View photos of Coretta Scott King below

On August 26, 2006, the 86th anniversary of the addition to the US Constitution of the 19th Amendment, feminists in New York City came together to celebrate the life of three notable American women, two of whom had died earlier in the year. They were Betty Friedan, Bella Abzug and Coretta Scott King. This is a longer version of the tribute I gave to Coretta Scott King.

Human DignityI first met Coretta Scott King in September of 1966, after I had been a fieldworker for the Southern Christian Leadership Conference for over a year. I'd been run out of the state of Mississippi in mid-August. Back in Atlanta, SCLC wasn't quite sure where to send me next. After CSK's full-time assistant left her employ she needed a replacement, at least temporarily. I was offered the job.

I didn't go to her house every day; I mostly ran errands and typed letters. But when I did see Mrs. King, she talked quite a bit. I sometimes felt that being a good listener was my primary function. She worried a lot, but she never complained. Her worries were, understandably, about the welfare of her family, whose public exposure put them at risk for many things, not the least of which was their physical well-being. But she also worried about the poor and the disfranchised of the world. In her eyes she was privileged and had a duty to look out for those who weren't.

In the few weeks I knew her my admiration grew. She had two full time jobs and was searching for a third. Her first job was as the wife of a minister and the mother of four children aged 3 to 10. Dr. King was the associate pastor of Ebenezer Baptist Church (whose pastor was his father). That was the family's source of income; his salary as President of SCLC was $1 a year. Ministers' wives have always had important, albeit unpaid, work in the black church, and Mrs.

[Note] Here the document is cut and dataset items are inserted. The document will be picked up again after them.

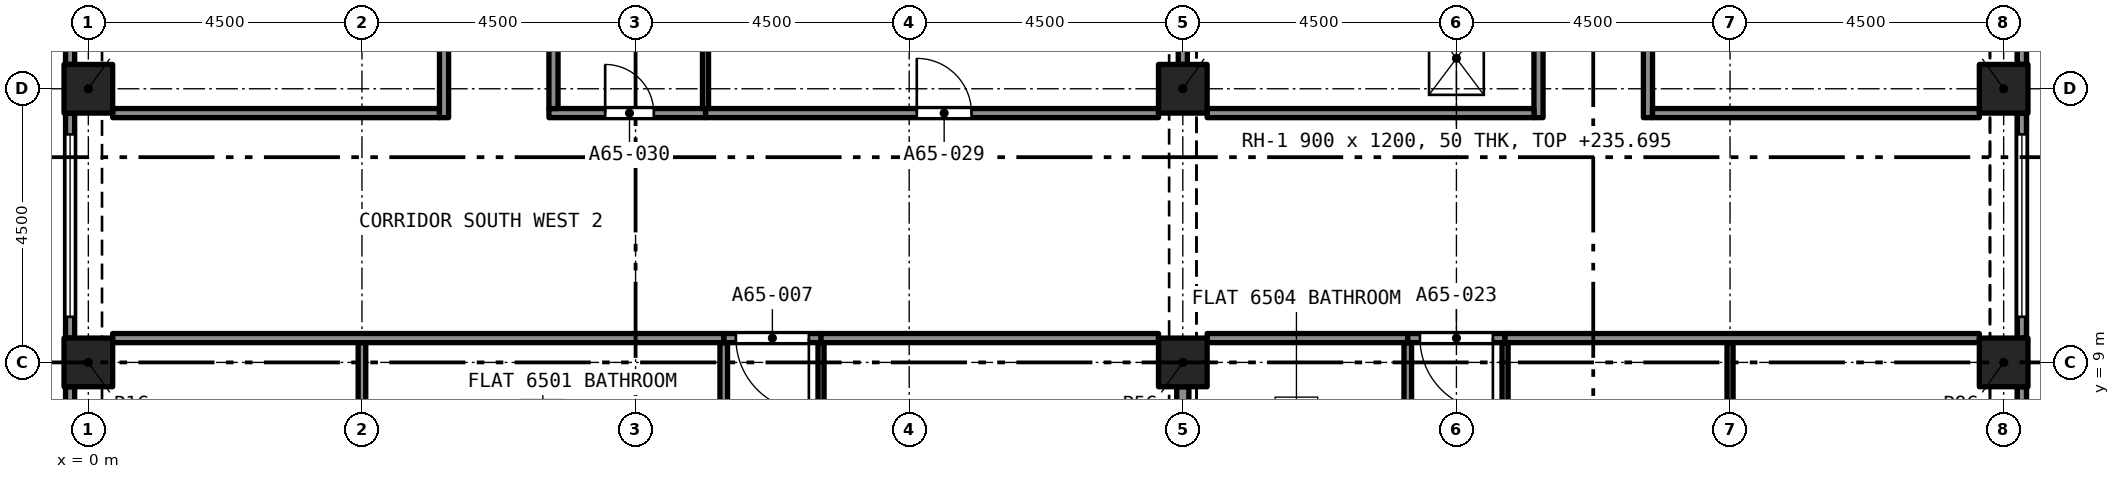
"""IFC4 building model, lengths in metres.
Left out: names, types, materials, properties, quantities, classifications, styles, units other than length and angle.
Written with IfcOpenShell. Run it as: python <this file> out.ifc"""

import sys

from ifc_helpers import new_model, si_unit, direction, frame, frame_2d, origin, origin_2d, place, context, subcontext, project, spatial, rectangle, extrude, element, fill, save


model = new_model("IFC4")
c1 = context("Model", 3, precision=1e-05, world=origin(), true_north=direction((0.0, 1.0)))
c2 = subcontext(c1, "Body", "Model", "MODEL_VIEW")
j1 = project(units=[si_unit("LENGTHUNIT", "METRE"), si_unit("PLANEANGLEUNIT", "RADIAN")], contexts=[c1])
p1 = place(None, origin())
s1 = spatial("IfcSite", under=j1, at=p1, CompositionType="ELEMENT")
p2 = place(p1, origin())
s2 = spatial("IfcBuilding", under=s1, at=p2, CompositionType="ELEMENT")
p3 = place(p2, frame((0.0, 0.0, 232.495)))
s3 = spatial("IfcBuildingStorey", under=s2, at=p3, CompositionType="ELEMENT", Elevation=232.495)
for number, where, z_axis, x_axis in (
    (1, (0.0, 9.0, 0.0), (0.0, 0.0, 1.0), (1.0, 0.0, 0.0)),
    (2, (18.0, 9.0, 0.0), (0.0, 0.0, 1.0), (1.0, 0.0, 0.0)),
    (3, (31.5, 9.0, 0.0), (0.0, 0.0, 1.0), (1.0, 0.0, 0.0)),
    (4, (0.0, 13.5, 0.0), (0.0, 0.0, 1.0), (1.0, 0.0, 0.0)),
    (5, (18.0, 13.5, 0.0), (0.0, 0.0, 1.0), (1.0, 0.0, 0.0)),
    (6, (31.5, 13.5, 0.0), (0.0, 0.0, 1.0), (1.0, 0.0, 0.0)),
):
    element("IfcColumn", number, at=place(p3, frame(where, z_axis=z_axis, x_axis=x_axis)), inside=s3, PredefinedType="COLUMN", context=c2, shape_type="SweptSolid", body=[
        extrude(rectangle(XDim=0.8, YDim=0.8, at=origin_2d()), origin(), (0.0, 0.0, 1.0), 3.2),
    ])
p4 = place(p3, frame((31.8, 8.6, 0.0), z_axis=(0.0, 0.0, 1.0), x_axis=(0.0, -1.0, 0.0)))
e7 = element("IfcWall", 7, at=p4, inside=s3, PredefinedType="SOLIDWALL", context=c2, shape_type="SweptSolid", body=[
    extrude(rectangle(XDim=3.7, YDim=0.15, at=frame_2d((1.85, 0.0))), origin(), (0.0, 0.0, 1.0), 3.2),
])
p5 = place(p4, frame((0.35, 0.0, 0.45)))
e8 = element("IfcOpeningElement", 8, at=p5, cuts=e7, PredefinedType="OPENING", context=c2, shape_type="SweptSolid", body=[
    extrude(rectangle(XDim=3.0, YDim=1.95, at=frame_2d((1.5, 0.975))), frame((0.0, 0.085, 0.0), z_axis=(0.0, -1.0, 0.0), x_axis=(1.0, 0.0, 0.0)), (0.0, 0.0, 1.0), 0.17),
])
p6 = place(p3, frame((31.8, 13.1, 0.0), z_axis=(0.0, 0.0, 1.0), x_axis=(0.0, -1.0, 0.0)))
e9 = element("IfcWall", 9, at=p6, inside=s3, PredefinedType="SOLIDWALL", context=c2, shape_type="SweptSolid", body=[
    extrude(rectangle(XDim=3.7, YDim=0.15, at=frame_2d((1.85, 0.0))), origin(), (0.0, 0.0, 1.0), 3.2),
])
p7 = place(p6, frame((0.35, 0.0, 0.45)))
e10 = element("IfcOpeningElement", 10, at=p7, cuts=e9, PredefinedType="OPENING", context=c2, shape_type="SweptSolid", body=[
    extrude(rectangle(XDim=3.0, YDim=1.95, at=frame_2d((1.5, 0.975))), frame((0.0, 0.085, 0.0), z_axis=(0.0, -1.0, 0.0), x_axis=(1.0, 0.0, 0.0)), (0.0, 0.0, 1.0), 0.17),
])
p8 = place(p3, frame((31.8, 17.6, 0.0), z_axis=(0.0, 0.0, 1.0), x_axis=(0.0, -1.0, 0.0)))
e11 = element("IfcWall", 11, at=p8, inside=s3, PredefinedType="SOLIDWALL", context=c2, shape_type="SweptSolid", body=[
    extrude(rectangle(XDim=3.7, YDim=0.15, at=frame_2d((1.85, 0.0))), origin(), (0.0, 0.0, 1.0), 3.2),
])
p9 = place(p8, frame((0.35, 0.0, 0.45)))
e12 = element("IfcOpeningElement", 12, at=p9, cuts=e11, PredefinedType="OPENING", context=c2, shape_type="SweptSolid", body=[
    extrude(rectangle(XDim=3.0, YDim=1.95, at=frame_2d((1.5, 0.975))), frame((0.0, 0.085, 0.0), z_axis=(0.0, -1.0, 0.0), x_axis=(1.0, 0.0, 0.0)), (0.0, 0.0, 1.0), 0.17),
])
p10 = place(p3, frame((-0.3, 13.9, 0.0), z_axis=(0.0, 0.0, 1.0), x_axis=(0.0, 1.0, 0.0)))
e13 = element("IfcWall", 13, at=p10, inside=s3, PredefinedType="SOLIDWALL", context=c2, shape_type="SweptSolid", body=[
    extrude(rectangle(XDim=3.7, YDim=0.15, at=frame_2d((1.85, 0.0))), origin(), (0.0, 0.0, 1.0), 3.2),
])
p11 = place(p10, frame((0.35, 0.0, 0.45)))
e14 = element("IfcOpeningElement", 14, at=p11, cuts=e13, PredefinedType="OPENING", context=c2, shape_type="SweptSolid", body=[
    extrude(rectangle(XDim=3.0, YDim=1.95, at=frame_2d((1.5, 0.975))), frame((0.0, 0.085, 0.0), z_axis=(0.0, -1.0, 0.0), x_axis=(1.0, 0.0, 0.0)), (0.0, 0.0, 1.0), 0.17),
])
p12 = place(p3, frame((-0.3, 9.4, 0.0), z_axis=(0.0, 0.0, 1.0), x_axis=(0.0, 1.0, 0.0)))
e15 = element("IfcWall", 15, at=p12, inside=s3, PredefinedType="SOLIDWALL", context=c2, shape_type="SweptSolid", body=[
    extrude(rectangle(XDim=3.7, YDim=0.15, at=frame_2d((1.85, 0.0))), origin(), (0.0, 0.0, 1.0), 3.2),
])
p13 = place(p12, frame((0.35, 0.0, 0.45)))
e16 = element("IfcOpeningElement", 16, at=p13, cuts=e15, PredefinedType="OPENING", context=c2, shape_type="SweptSolid", body=[
    extrude(rectangle(XDim=3.0, YDim=1.95, at=frame_2d((1.5, 0.975))), frame((0.0, 0.085, 0.0), z_axis=(0.0, -1.0, 0.0), x_axis=(1.0, 0.0, 0.0)), (0.0, 0.0, 1.0), 0.17),
])
p14 = place(p3, frame((-0.3, 4.9, 0.0), z_axis=(0.0, 0.0, 1.0), x_axis=(0.0, 1.0, 0.0)))
e17 = element("IfcWall", 17, at=p14, inside=s3, PredefinedType="SOLIDWALL", context=c2, shape_type="SweptSolid", body=[
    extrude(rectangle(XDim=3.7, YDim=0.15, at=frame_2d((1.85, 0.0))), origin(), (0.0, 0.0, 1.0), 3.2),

King did her share of ministering to the needs of the congregation. The responsibility of raising four children was also mostly on her shoulders.

Her second full time job was as the public wife of a public figure. Many wives of public figures prefer to provide support from behind, but Mrs. King embraced a public role as well. She had trained as a professional singer with the expectation of a concert career, and put her talents to good use giving concerts to raise money for civil rights. She also made speeches and appeared at public functions when called upon.

What impressed me most about her, however, was that all this was not enough. She wanted to be, she was, her own person. I learned from our conversations that she was casting about for a niche of her own, some place where she could make her own personal contribution, and not be seen primarily as the wife of Dr. Martin Luther King, Jr. His prominence made that difficult, but I felt that when times were less intense and her children were older, she would branch out on her own with her own causes. She had already done so in small ways, such as participating in a 1962 disarmament conference in Geneva with Women's Strike for Peace.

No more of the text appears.